The vaccine studies are being conducted at the eight NIAID-funded Vaccine and Treatment Evaluation Units: Baylor College of Medicine, Houston; Children’s Hospital Medical Center, Cincinnati; Emory University, Atlanta; Group Health Cooperative, Seattle; Saint Louis University, St. Louis; University of Iowa, Iowa City; University of Maryland School of Medicine, Baltimore; and Vanderbilt University, Nashville. The University of Texas Medical Branch at Galveston will conduct the trial as a subcontractor to Baylor College of Medicine.
NIAID conducts and supports research — at NIH, throughout the United States, and worldwide — to study the causes of infectious and immune-mediated diseases, and to develop better means of preventing, diagnosing and treating these illnesses.
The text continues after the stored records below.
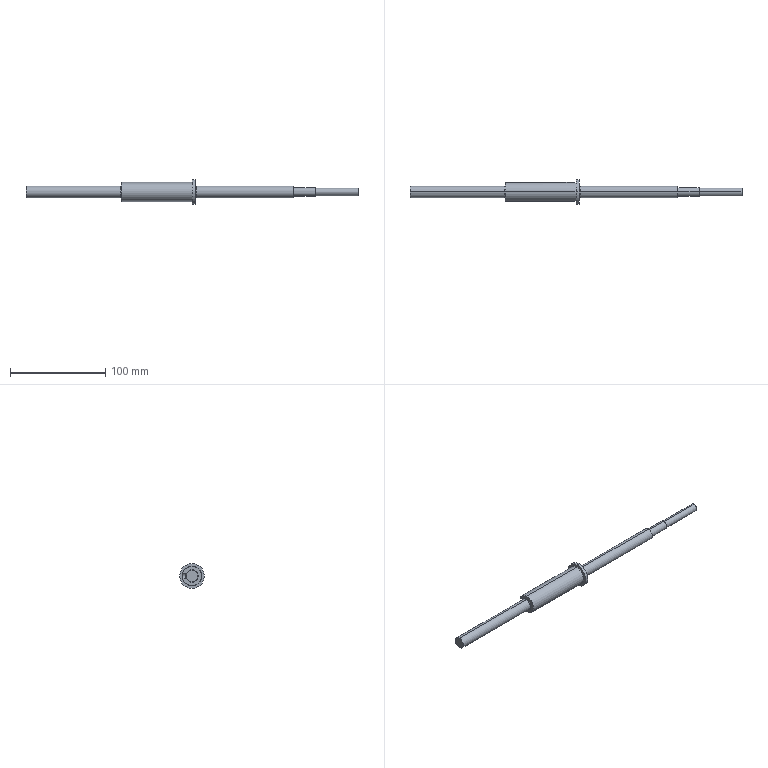Component | SolidWorks | LongAxis(Modified)-1 | 1 solid | 37 faces | box 349 x 26 x 26 mm | volume 50537 mm3 | cylinder 15 | plane 12 | torus 10 | commonest cylinder face diameters 12 x4 8 x2 26 x2 20 x2 9 x2 3 x2 6 x1 | material AISI 1045 Steel, Cold Drawn
STEP:
#1=CARTESIAN_POINT('',(-2.202,0.5951,13.465));
#2=VERTEX_POINT('',#1);
#3=CARTESIAN_POINT('',(-2.202,0.5951,14.016));
#4=VERTEX_POINT('',#3);
#5=CARTESIAN_POINT('',(-2.202,0.5951,13.74));
#6=DIRECTION('',(-1.,0.,0.));
#7=DIRECTION('',(0.,0.,1.));
#8=AXIS2_PLACEMENT_3D('',#5,#6,#7);
#9=CIRCLE('',#8,0.2756);
#10=EDGE_CURVE('',#2,#4,#9,.T.);
#11=ORIENTED_EDGE('',*,*,#10,.F.);
#12=CARTESIAN_POINT('',(-2.163,0.5951,13.504));
#13=VERTEX_POINT('',#12);
#14=CARTESIAN_POINT('',(-2.163,0.5951,13.465));
#15=DIRECTION('',(0.,1.,0.));
#16=DIRECTION('',(0.,0.,1.));
#17=AXIS2_PLACEMENT_3D('',#14,#15,#16);
#18=CIRCLE('',#17,0.03937);
#19=EDGE_CURVE('',#2,#13,#18,.T.);
#20=ORIENTED_EDGE('',*,*,#19,.T.);
#21=CARTESIAN_POINT('',(-2.163,0.5951,13.976));
#22=VERTEX_POINT('',#21);
#23=CARTESIAN_POINT('',(-2.163,0.5951,13.74));
#24=DIRECTION('',(1.,0.,0.));
#25=DIRECTION('',(0.,0.,1.));
#26=AXIS2_PLACEMENT_3D('',#23,#24,#25);
#27=CIRCLE('',#26,0.2362);
#28=EDGE_CURVE('',#22,#13,#27,.T.);
#29=ORIENTED_EDGE('',*,*,#28,.F.);
#30=CARTESIAN_POINT('',(-2.163,0.5951,14.016));
#31=DIRECTION('',(0.,-1.,0.));
#32=DIRECTION('',(0.,0.,-1.));
#33=AXIS2_PLACEMENT_3D('',#30,#31,#32);
#34=CIRCLE('',#33,0.03937);
#35=EDGE_CURVE('',#4,#22,#34,.T.);
#36=ORIENTED_EDGE('',*,*,#35,.F.);
#37=EDGE_LOOP('',(#11,#20,#29,#36));
#38=FACE_OUTER_BOUND('',#37,.T.);
#39=CARTESIAN_POINT('',(-2.163,0.5951,13.74));
#40=DIRECTION('',(-1.,0.,0.));
#41=DIRECTION('',(0.,0.,1.));
#42=AXIS2_PLACEMENT_3D('',#39,#40,#41);
#43=TOROIDAL_SURFACE('',#42,0.2756,0.03937);
#44=ADVANCED_FACE('',(#38),#43,.F.);
#45=CARTESIAN_POINT('',(1.853,0.5951,13.543));
#46=VERTEX_POINT('',#45);
#47=CARTESIAN_POINT('',(1.853,0.5951,13.937));
#48=VERTEX_POINT('',#47);
#49=CARTESIAN_POINT('',(1.853,0.5951,13.74));
#50=DIRECTION('',(-1.,0.,0.));
#51=DIRECTION('',(0.,0.,1.));
#52=AXIS2_PLACEMENT_3D('',#49,#50,#51);
#53=CIRCLE('',#52,0.1969);
#54=EDGE_CURVE('',#46,#48,#53,.T.);
#55=ORIENTED_EDGE('',*,*,#54,.F.);
#56=CARTESIAN_POINT('',(1.873,0.5951,13.563));
#57=VERTEX_POINT('',#56);
#58=CARTESIAN_POINT('',(1.873,0.5951,13.543));
#59=DIRECTION('',(0.,1.,0.));
#60=DIRECTION('',(0.,0.,1.));
#61=AXIS2_PLACEMENT_3D('',#58,#59,#60);
#62=CIRCLE('',#61,0.01969);
#63=EDGE_CURVE('',#46,#57,#62,.T.);
#64=ORIENTED_EDGE('',*,*,#63,.T.);
#65=CARTESIAN_POINT('',(1.873,0.5951,13.917));
#66=VERTEX_POINT('',#65);
#67=CARTESIAN_POINT('',(1.873,0.5951,13.74));
#68=DIRECTION('',(1.,0.,0.));
#69=DIRECTION('',(0.,0.,1.));
#70=AXIS2_PLACEMENT_3D('',#67,#68,#69);
#71=CIRCLE('',#70,0.1772);
#72=EDGE_CURVE('',#66,#57,#71,.T.);
#73=ORIENTED_EDGE('',*,*,#72,.F.);
#74=CARTESIAN_POINT('',(1.873,0.5951,13.937));
#75=DIRECTION('',(0.,-1.,0.));
#76=DIRECTION('',(0.,0.,-1.));
#77=AXIS2_PLACEMENT_3D('',#74,#75,#76);
#78=CIRCLE('',#77,0.01969);
#79=EDGE_CURVE('',#48,#66,#78,.T.);
#80=ORIENTED_EDGE('',*,*,#79,.F.);
#81=EDGE_LOOP('',(#55,#64,#73,#80));
#82=FACE_OUTER_BOUND('',#81,.T.);
#83=CARTESIAN_POINT('',(1.873,0.5951,13.74));
#84=DIRECTION('',(-1.,0.,0.));
#85=DIRECTION('',(0.,0.,1.));
#86=AXIS2_PLACEMENT_3D('',#83,#84,#85);
#87=TOROIDAL_SURFACE('',#86,0.1969,0.01969);
#88=ADVANCED_FACE('',(#82),#87,.F.);
#89=CARTESIAN_POINT('',(2.758,0.5951,13.563));
#90=VERTEX_POINT('',#89);
#91=CARTESIAN_POINT('',(2.758,0.5951,13.917));
#92=VERTEX_POINT('',#91);
#93=CARTESIAN_POINT('',(2.758,0.5951,13.74));
#94=DIRECTION('',(-1.,0.,0.));
#95=DIRECTION('',(0.,0.,1.));
#96=AXIS2_PLACEMENT_3D('',#93,#94,#95);
#97=CIRCLE('',#96,0.1772);
#98=EDGE_CURVE('',#90,#92,#97,.T.);
#99=ORIENTED_EDGE('',*,*,#98,.F.);
#100=CARTESIAN_POINT('',(2.778,0.5951,13.583));
#101=VERTEX_POINT('',#100);
#102=CARTESIAN_POINT('',(2.778,0.5951,13.563));
#103=DIRECTION('',(0.,1.,0.));
#104=DIRECTION('',(0.,0.,1.));
#105=AXIS2_PLACEMENT_3D('',#102,#103,#104);
#106=CIRCLE('',#105,0.01969);
#107=EDGE_CURVE('',#90,#101,#106,.T.);
#108=ORIENTED_EDGE('',*,*,#107,.T.);
#109=CARTESIAN_POINT('',(2.778,0.5951,13.898));
#110=VERTEX_POINT('',#109);
#111=CARTESIAN_POINT('',(2.778,0.5951,13.74));
#112=DIRECTION('',(1.,0.,0.));
#113=DIRECTION('',(0.,0.,1.));
#114=AXIS2_PLACEMENT_3D('',#111,#112,#113);
#115=CIRCLE('',#114,0.1575);
#116=EDGE_CURVE('',#110,#101,#115,.T.);
#117=ORIENTED_EDGE('',*,*,#116,.F.);
#118=CARTESIAN_POINT('',(2.778,0.5951,13.917));
#119=DIRECTION('',(0.,-1.,0.));
#120=DIRECTION('',(0.,0.,-1.));
#121=AXIS2_PLACEMENT_3D('',#118,#119,#120);
#122=CIRCLE('',#121,0.01969);
#123=EDGE_CURVE('',#92,#110,#122,.T.);
#124=ORIENTED_EDGE('',*,*,#123,.F.);
#125=EDGE_LOOP('',(#99,#108,#117,#124));
#126=FACE_OUTER_BOUND('',#125,.T.);
#127=CARTESIAN_POINT('',(2.778,0.5951,13.74));
#128=DIRECTION('',(-1.,0.,0.));
#129=DIRECTION('',(0.,0.,1.));
#130=AXIS2_PLACEMENT_3D('',#127,#128,#129);
#131=TOROIDAL_SURFACE('',#130,0.1772,0.01969);
#132=ADVANCED_FACE('',(#126),#131,.F.);
#133=CARTESIAN_POINT('',(-5.273,0.5951,13.996));
#134=VERTEX_POINT('',#133);
#135=CARTESIAN_POINT('',(-5.273,0.5951,13.484));
#136=VERTEX_POINT('',#135);
#137=CARTESIAN_POINT('',(-5.273,0.5951,13.74));
#138=DIRECTION('',(1.,0.,0.));
#139=DIRECTION('',(0.,0.,-1.));
#140=AXIS2_PLACEMENT_3D('',#137,#138,#139);
#141=CIRCLE('',#140,0.2559);
#142=EDGE_CURVE('',#134,#136,#141,.T.);
#143=ORIENTED_EDGE('',*,*,#142,.F.);
#144=CARTESIAN_POINT('',(-5.293,0.5951,13.976));
#145=VERTEX_POINT('',#144);
#146=CARTESIAN_POINT('',(-5.293,0.5951,13.996));
#147=DIRECTION('',(0.,1.,-0.));
#148=DIRECTION('',(0.,0.,1.));
#149=AXIS2_PLACEMENT_3D('',#146,#147,#148);
#150=CIRCLE('',#149,0.01969);
#151=EDGE_CURVE('',#134,#145,#150,.T.);
#152=ORIENTED_EDGE('',*,*,#151,.T.);
#153=CARTESIAN_POINT('',(-5.293,0.5951,13.504));
#154=VERTEX_POINT('',#153);
#155=CARTESIAN_POINT('',(-5.293,0.5951,13.74));
#156=DIRECTION('',(-1.,0.,0.));
#157=DIRECTION('',(0.,0.,-1.));
#158=AXIS2_PLACEMENT_3D('',#155,#156,#157);
#159=CIRCLE('',#158,0.2362);
#160=EDGE_CURVE('',#154,#145,#159,.T.);
#161=ORIENTED_EDGE('',*,*,#160,.F.);
#162=CARTESIAN_POINT('',(-5.293,0.5951,13.484));
#163=DIRECTION('',(0.,-1.,0.));
#164=DIRECTION('',(0.,0.,-1.));
#165=AXIS2_PLACEMENT_3D('',#162,#163,#164);
#166=CIRCLE('',#165,0.01969);
#167=EDGE_CURVE('',#136,#154,#166,.T.);
#168=ORIENTED_EDGE('',*,*,#167,.F.);
#169=EDGE_LOOP('',(#143,#152,#161,#168));
#170=FACE_OUTER_BOUND('',#169,.T.);
#171=CARTESIAN_POINT('',(-5.293,0.5951,13.74));
#172=DIRECTION('',(1.,0.,0.));
#173=DIRECTION('',(0.,0.,-1.));
#174=AXIS2_PLACEMENT_3D('',#171,#172,#173);
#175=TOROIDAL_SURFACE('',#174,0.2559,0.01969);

News releases, fact sheets and other NIAID-related materials are available on the NIAID Web site at http://www.niaid.nih.gov.
Regardless of what influenza virus causes the next pandemic, the reality is that it will take 5 or 6 months to begin to produce any useful quantity of vaccine, and many people would be waiting a year or more to receive one.
Instead – at least in the opening months - we will be looking to measures like social distancing, school closures, hand hygiene & masks (aka Nonpharmaceutical Interventions NPIs) along with neuraminidase (NA) inhibiting antiviral drugs (NAIs) like oseltamivir (Tamiflu ®) and Zanamivir (Relenza ®) to help mitigate its impact.
Should H5N1, H7N9, MERS-CoV or any other novel virus threaten, we’ll be talking a good deal more about NPIs.